Holiday crowds will gather on the Vendée coast, rigging up roadside barbeques supplemented with a generous selection of local wines, after which the caravel will crawl by two hours before the race, providing sponsors with an opportunity to throw t-shirts, hats and other merchandise to children of all ages. An occasional band will strike up, copious quantities of wine will be consumed and the race will pass by in a blur.
You suspect that five-time Tour winner Jacques Anquetil would have appreciated the crowd’s collective enjoyment.
His rather unfair reputation as something of a cold fish is, to a degree, tempered in Paul Fournel’s unconventional biography, ideally suited to Anquetil’s maverick personality.
During a rest day in Andorra during the 1964 Tour, as his co-riders went out on a short ride, Anquetil instead attended a party where he wolfed down barbequed lamb and plenty of sangria. Finding it difficult to get going when the race resumed the following day and with the formidable Envalira climb ahead, his team director drove to his side and handed him a bidon (water bottle) filled with champagne. It did the trick; from being almost five minutes down on the race leader prior to the champagne, Anquetil would come back to win his fifth Tour.
With matinee idol looks and a profile “like one on a medal,” Anquetil was a detached character whose actions were often interpreted as cocky and egotistical. On the eve of the 1961 Tour, for example, he declared he would take the yellow jersey on the first day and wear it throughout the race. He did. Supreme confidence or boastful?

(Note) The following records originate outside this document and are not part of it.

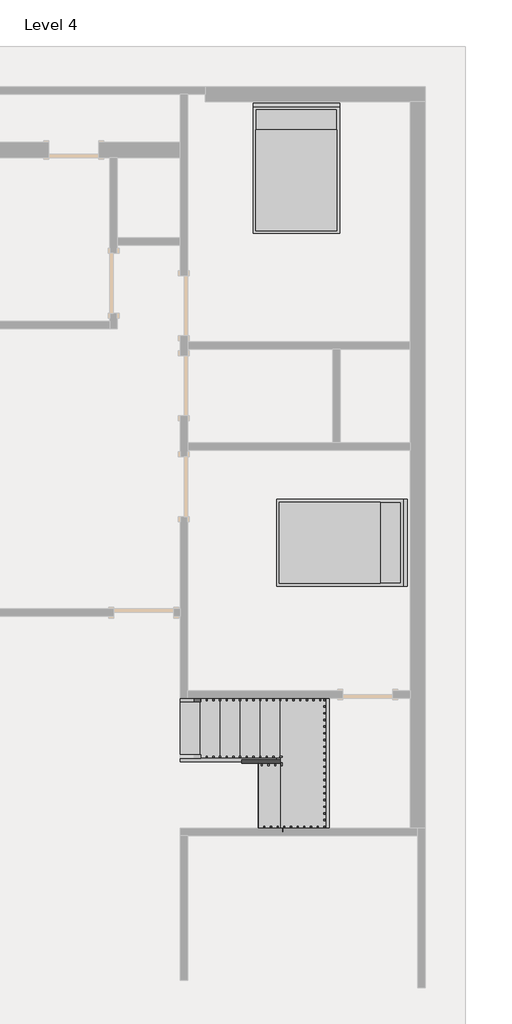
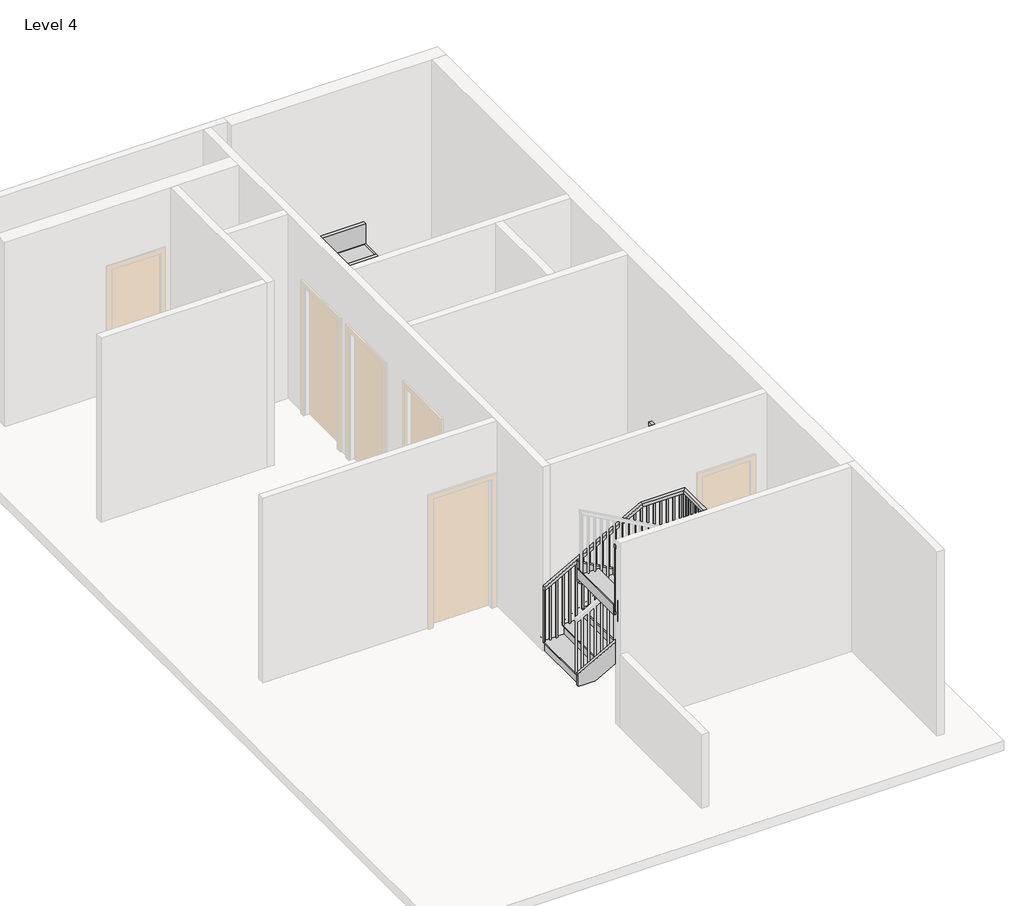
# One storey, part 2 of 2: 6 members, 2 furniture elements, 1 railing, 1 stair flight.
"""IFC4 building model written with IfcOpenShell, lengths in millimetres."""

from ifc_helpers import new_model, si_unit, frame, origin, place, context, project, spatial, polyline, outline, extrude, faceted_brep, transform, mapped, element, save
from components import bed_17739_bed_17739_15c61121, stair_flight_f370bc99

model = new_model("IFC4")

# Units and contexts
model_context = context("Model", 3, world=origin())
ifc_project = project(units=[si_unit("LENGTHUNIT", "METRE", prefix="MILLI")], contexts=[model_context])

# Site, building, storey
site = spatial("IfcSite", under=ifc_project)
building = spatial("IfcBuilding", under=site)
storey = spatial("IfcBuildingStorey", under=building, Name="Level 4", Elevation=6400.8)

# Furniture
placement = place(None, origin())
bed_17739_bed_17739_shape = bed_17739_bed_17739_15c61121(model_context)
element("IfcFurniture", 1, ObjectType="Bed_17739 : Bed_17739", at=placement, inside=storey, context=model_context, shape_type="MappedRepresentation", body=[
    mapped(bed_17739_bed_17739_shape, transform((592.6084916, 6126.1935985, 6400.8), x_axis=(1.0, 0.0, 0.0), y_axis=(0.0, 1.0, 0.0), z_axis=(0.0, 0.0, 1.0))),
])
element("IfcFurniture", 2, ObjectType="Bed_17739 : Bed_17739", at=placement, inside=storey, context=model_context, shape_type="MappedRepresentation", body=[
    mapped(bed_17739_bed_17739_shape, transform((1259.3584916, 455.6435985, 6400.8), x_axis=(0.0, -1.0, 0.0), y_axis=(1.0, 0.0, 0.0), z_axis=(0.0, 0.0, 1.0))),
])

# Members
element("IfcMember", 3, ObjectType="Stringer - 2\" Width", at=placement, inside=storey, context=model_context, shape_type="SweptSolid", body=[
    extrude(outline(polyline([(6608.3983948, -1179.0415084), (6400.8, -1179.0415084), (6400.8, -925.0970056), (7493.0, 1040.8629944), (7493.0, 413.241381), (6608.3983948, -1179.0415084)])), frame((0.0, -1912.9064015, 0.0), z_axis=(0.0, 1.0, 0.0), x_axis=(0.0, 0.0, 1.0)), (0.0, 0.0, 1.0), 50.8),
])
element("IfcMember", 4, ObjectType="Stringer - 2\" Width", at=placement, inside=storey, context=model_context, shape_type="SweptSolid", body=[
    extrude(outline(polyline([(1043.4584916, -1862.1064015), (1094.2584916, -1862.1064015), (1094.2584916, -3894.1064015), (1043.4584916, -3894.1064015), (1043.4584916, -1862.1064015)])), frame((0.0, 0.0, 7188.2), z_axis=(0.0, 0.0, 1.0), x_axis=(1.0, 0.0, 0.0)), (0.0, 0.0, 1.0), 304.8),
])
element("IfcMember", 5, ObjectType="Stringer - 2\" Width", at=placement, inside=storey, context=model_context, shape_type="SweptSolid", body=[
    extrude(outline(polyline([(7188.2, 1094.2584916), (7208.120617, 1094.2584916), (8471.0650614, -1179.0415084), (8122.3863873, -1179.0415084), (7188.2, 502.4939888), (7188.2, 1094.2584916)])), frame((0.0, -3944.9064015, 0.0), z_axis=(0.0, 1.0, 0.0), x_axis=(0.0, 0.0, 1.0)), (0.0, 0.0, 1.0), 50.8),
])
element("IfcMember", 6, ObjectType="Stringer - 2\" Width", at=placement, inside=storey, context=model_context, shape_type="SweptSolid", body=[
    extrude(outline(polyline([(6608.3983948, -1179.0415084), (6400.8, -1179.0415084), (6400.8, -925.0970056), (7078.1641651, 294.1584916), (7426.8428392, 294.1584916), (6608.3983948, -1179.0415084)])), frame((0.0, -2878.1064015, 0.0), z_axis=(0.0, 1.0, 0.0), x_axis=(0.0, 0.0, 1.0)), (0.0, 0.0, 1.0), 50.8),
])
element("IfcMember", 7, ObjectType="Stringer - 2\" Width", at=placement, inside=storey, context=model_context, shape_type="SweptSolid", body=[
    extrude(outline(polyline([(294.1584916, -2827.3064015), (344.9584916, -2827.3064015), (344.9584916, -2852.7064015), (294.1584916, -2852.7064015), (294.1584916, -2827.3064015)])), frame((0.0, 0.0, 7188.2), z_axis=(0.0, 0.0, 1.0), x_axis=(1.0, 0.0, 0.0)), (0.0, 0.0, 1.0), 304.8),
])
element("IfcMember", 8, ObjectType="Stringer - 2\" Width", at=placement, inside=storey, context=model_context, shape_type="SweptSolid", body=[
    extrude(outline(polyline([(7275.7197207, 344.9584916), (7624.3983948, 344.9584916), (8471.0650614, -1179.0415084), (8122.3863873, -1179.0415084), (7275.7197207, 344.9584916)])), frame((0.0, -2903.5064015, 0.0), z_axis=(0.0, 1.0, 0.0), x_axis=(0.0, 0.0, 1.0)), (0.0, 0.0, 1.0), 50.8),
])

# Railing
element("IfcRailing", 9, ObjectType="Handrail - Rectangular", at=placement, inside=storey, context=model_context, shape_type="SolidModel", body=[
    faceted_brep([(-1179.0415084, -1912.9064015, 7484.5333333), (-1179.0415084, -1912.9064015, 7426.420221), (-1179.0415084, -1963.7064015, 7426.420221), (-1179.0415084, -1963.7064015, 7484.5333333), (344.9584916, -1912.9064015, 8331.2), (358.1220938, -1912.9064015, 8280.4), (358.1220938, -1963.7064015, 8280.4), (344.9584916, -1963.7064015, 8331.2), (1043.4584916, -1912.9064015, 8331.2), (1043.4584916, -1912.9064015, 8280.4), (992.6584916, -1963.7064015, 8280.4), (992.6584916, -1963.7064015, 8331.2), (1043.4584916, -3894.1064015, 8331.2), (1043.4584916, -3894.1064015, 8280.4), (992.6584916, -3843.3064015, 8280.4), (992.6584916, -3843.3064015, 8331.2), (649.7584916, -3894.1064015, 8331.2), (636.5948894, -3894.1064015, 8280.4), (636.5948894, -3843.3064015, 8280.4), (649.7584916, -3843.3064015, 8331.2), (-1179.0415084, -3894.1064015, 9347.2), (-1179.0415084, -3843.3064015, 9347.2), (-1179.0415084, -3843.3064015, 9289.0868876), (-1179.0415084, -3894.1064015, 9289.0868876)], [[[0, 1, 2, 3]], [[1, 0, 4, 5]], [[2, 1, 5, 6]], [[3, 2, 6, 7]], [[0, 3, 7, 4]], [[5, 4, 8, 9]], [[6, 5, 9, 10]], [[7, 6, 10, 11]], [[4, 7, 11, 8]], [[9, 8, 12, 13]], [[10, 9, 13, 14]], [[11, 10, 14, 15]], [[8, 11, 15, 12]], [[13, 12, 16, 17]], [[14, 13, 17, 18]], [[15, 14, 18, 19]], [[12, 15, 19, 16]], [[20, 21, 22, 23]], [[17, 16, 20, 23]], [[18, 17, 23, 22]], [[19, 18, 22, 21]], [[16, 19, 21, 20]]]),
    extrude(outline(polyline([(9259.1007765, -1125.0665084), (8263.4666667, -1125.0665084), (8263.4666667, -1106.0165084), (9248.5174432, -1106.0165084), (9259.1007765, -1125.0665084)])), frame((0.0, -3878.2314015, 0.0), z_axis=(0.0, 1.0, 0.0), x_axis=(0.0, 0.0, 1.0)), (0.0, 0.0, 1.0), 19.05),
    extrude(outline(polyline([(9202.6563321, -1023.4665084), (8263.4666667, -1023.4665084), (8263.4666667, -1004.4165084), (9192.0729988, -1004.4165084), (9202.6563321, -1023.4665084)])), frame((0.0, -3878.2314015, 0.0), z_axis=(0.0, 1.0, 0.0), x_axis=(0.0, 0.0, 1.0)), (0.0, 0.0, 1.0), 19.05),
    extrude(outline(polyline([(9146.2118876, -921.8665084), (8263.4666667, -921.8665084), (8263.4666667, -902.8165084), (9135.6285543, -902.8165084), (9146.2118876, -921.8665084)])), frame((0.0, -3878.2314015, 0.0), z_axis=(0.0, 1.0, 0.0), x_axis=(0.0, 0.0, 1.0)), (0.0, 0.0, 1.0), 19.05),
    extrude(outline(polyline([(9089.7674432, -820.2665084), (8094.1333333, -820.2665084), (8094.1333333, -801.2165084), (9079.1841099, -801.2165084), (9089.7674432, -820.2665084)])), frame((0.0, -3878.2314015, 0.0), z_axis=(0.0, 1.0, 0.0), x_axis=(0.0, 0.0, 1.0)), (0.0, 0.0, 1.0), 19.05),
    extrude(outline(polyline([(9033.3229988, -718.6665084), (8094.1333333, -718.6665084), (8094.1333333, -699.6165084), (9022.7396654, -699.6165084), (9033.3229988, -718.6665084)])), frame((0.0, -3878.2314015, 0.0), z_axis=(0.0, 1.0, 0.0), x_axis=(0.0, 0.0, 1.0)), (0.0, 0.0, 1.0), 19.05),
    extrude(outline(polyline([(8976.8785543, -617.0665084), (8094.1333333, -617.0665084), (8094.1333333, -598.0165084), (8966.295221, -598.0165084), (8976.8785543, -617.0665084)])), frame((0.0, -3878.2314015, 0.0), z_axis=(0.0, 1.0, 0.0), x_axis=(0.0, 0.0, 1.0)), (0.0, 0.0, 1.0), 19.05),
    extrude(outline(polyline([(8920.4341099, -515.4665084), (7924.8, -515.4665084), (7924.8, -496.4165084), (8909.8507765, -496.4165084), (8920.4341099, -515.4665084)])), frame((0.0, -3878.2314015, 0.0), z_axis=(0.0, 1.0, 0.0), x_axis=(0.0, 0.0, 1.0)), (0.0, 0.0, 1.0), 19.05),
    extrude(outline(polyline([(8863.9896654, -413.8665084), (7924.8, -413.8665084), (7924.8, -394.8165084), (8853.4063321, -394.8165084), (8863.9896654, -413.8665084)])), frame((0.0, -3878.2314015, 0.0), z_axis=(0.0, 1.0, 0.0), x_axis=(0.0, 0.0, 1.0)), (0.0, 0.0, 1.0), 19.05),
    extrude(outline(polyline([(8807.545221, -312.2665084), (7924.8, -312.2665084), (7924.8, -293.2165084), (8796.9618876, -293.2165084), (8807.545221, -312.2665084)])), frame((0.0, -3878.2314015, 0.0), z_axis=(0.0, 1.0, 0.0), x_axis=(0.0, 0.0, 1.0)), (0.0, 0.0, 1.0), 19.05),
    extrude(outline(polyline([(8751.1007765, -210.6665084), (7755.4666667, -210.6665084), (7755.4666667, -191.6165084), (8740.5174432, -191.6165084), (8751.1007765, -210.6665084)])), frame((0.0, -3878.2314015, 0.0), z_axis=(0.0, 1.0, 0.0), x_axis=(0.0, 0.0, 1.0)), (0.0, 0.0, 1.0), 19.05),
    extrude(outline(polyline([(8694.6563321, -109.0665084), (7755.4666667, -109.0665084), (7755.4666667, -90.0165084), (8684.0729988, -90.0165084), (8694.6563321, -109.0665084)])), frame((0.0, -3878.2314015, 0.0), z_axis=(0.0, 1.0, 0.0), x_axis=(0.0, 0.0, 1.0)), (0.0, 0.0, 1.0), 19.05),
    extrude(outline(polyline([(8638.2118876, -7.4665084), (7755.4666667, -7.4665084), (7755.4666667, 11.5834916), (8627.6285543, 11.5834916), (8638.2118876, -7.4665084)])), frame((0.0, -3878.2314015, 0.0), z_axis=(0.0, 1.0, 0.0), x_axis=(0.0, 0.0, 1.0)), (0.0, 0.0, 1.0), 19.05),
    extrude(outline(polyline([(8581.7674432, 94.1334916), (7586.1333333, 94.1334916), (7586.1333333, 113.1834916), (8571.1841099, 113.1834916), (8581.7674432, 94.1334916)])), frame((0.0, -3878.2314015, 0.0), z_axis=(0.0, 1.0, 0.0), x_axis=(0.0, 0.0, 1.0)), (0.0, 0.0, 1.0), 19.05),
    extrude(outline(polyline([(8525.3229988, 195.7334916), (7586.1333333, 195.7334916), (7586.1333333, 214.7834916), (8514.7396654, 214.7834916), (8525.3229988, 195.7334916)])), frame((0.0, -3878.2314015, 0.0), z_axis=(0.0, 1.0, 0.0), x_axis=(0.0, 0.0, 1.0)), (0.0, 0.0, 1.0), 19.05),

According to author Paul Fournel, “no man was ever better suited than [Anquetil] to ride a bike” and in this eclectic collection of poetic vignettes, stories and short anecdotes, there is a deep sense of oneness between man and machine; competing on it was part of Anquetil’s soul. If you’re off to the Vendée, take and read this book – it’ll put you in the mood for the start of the Tour on 7th July.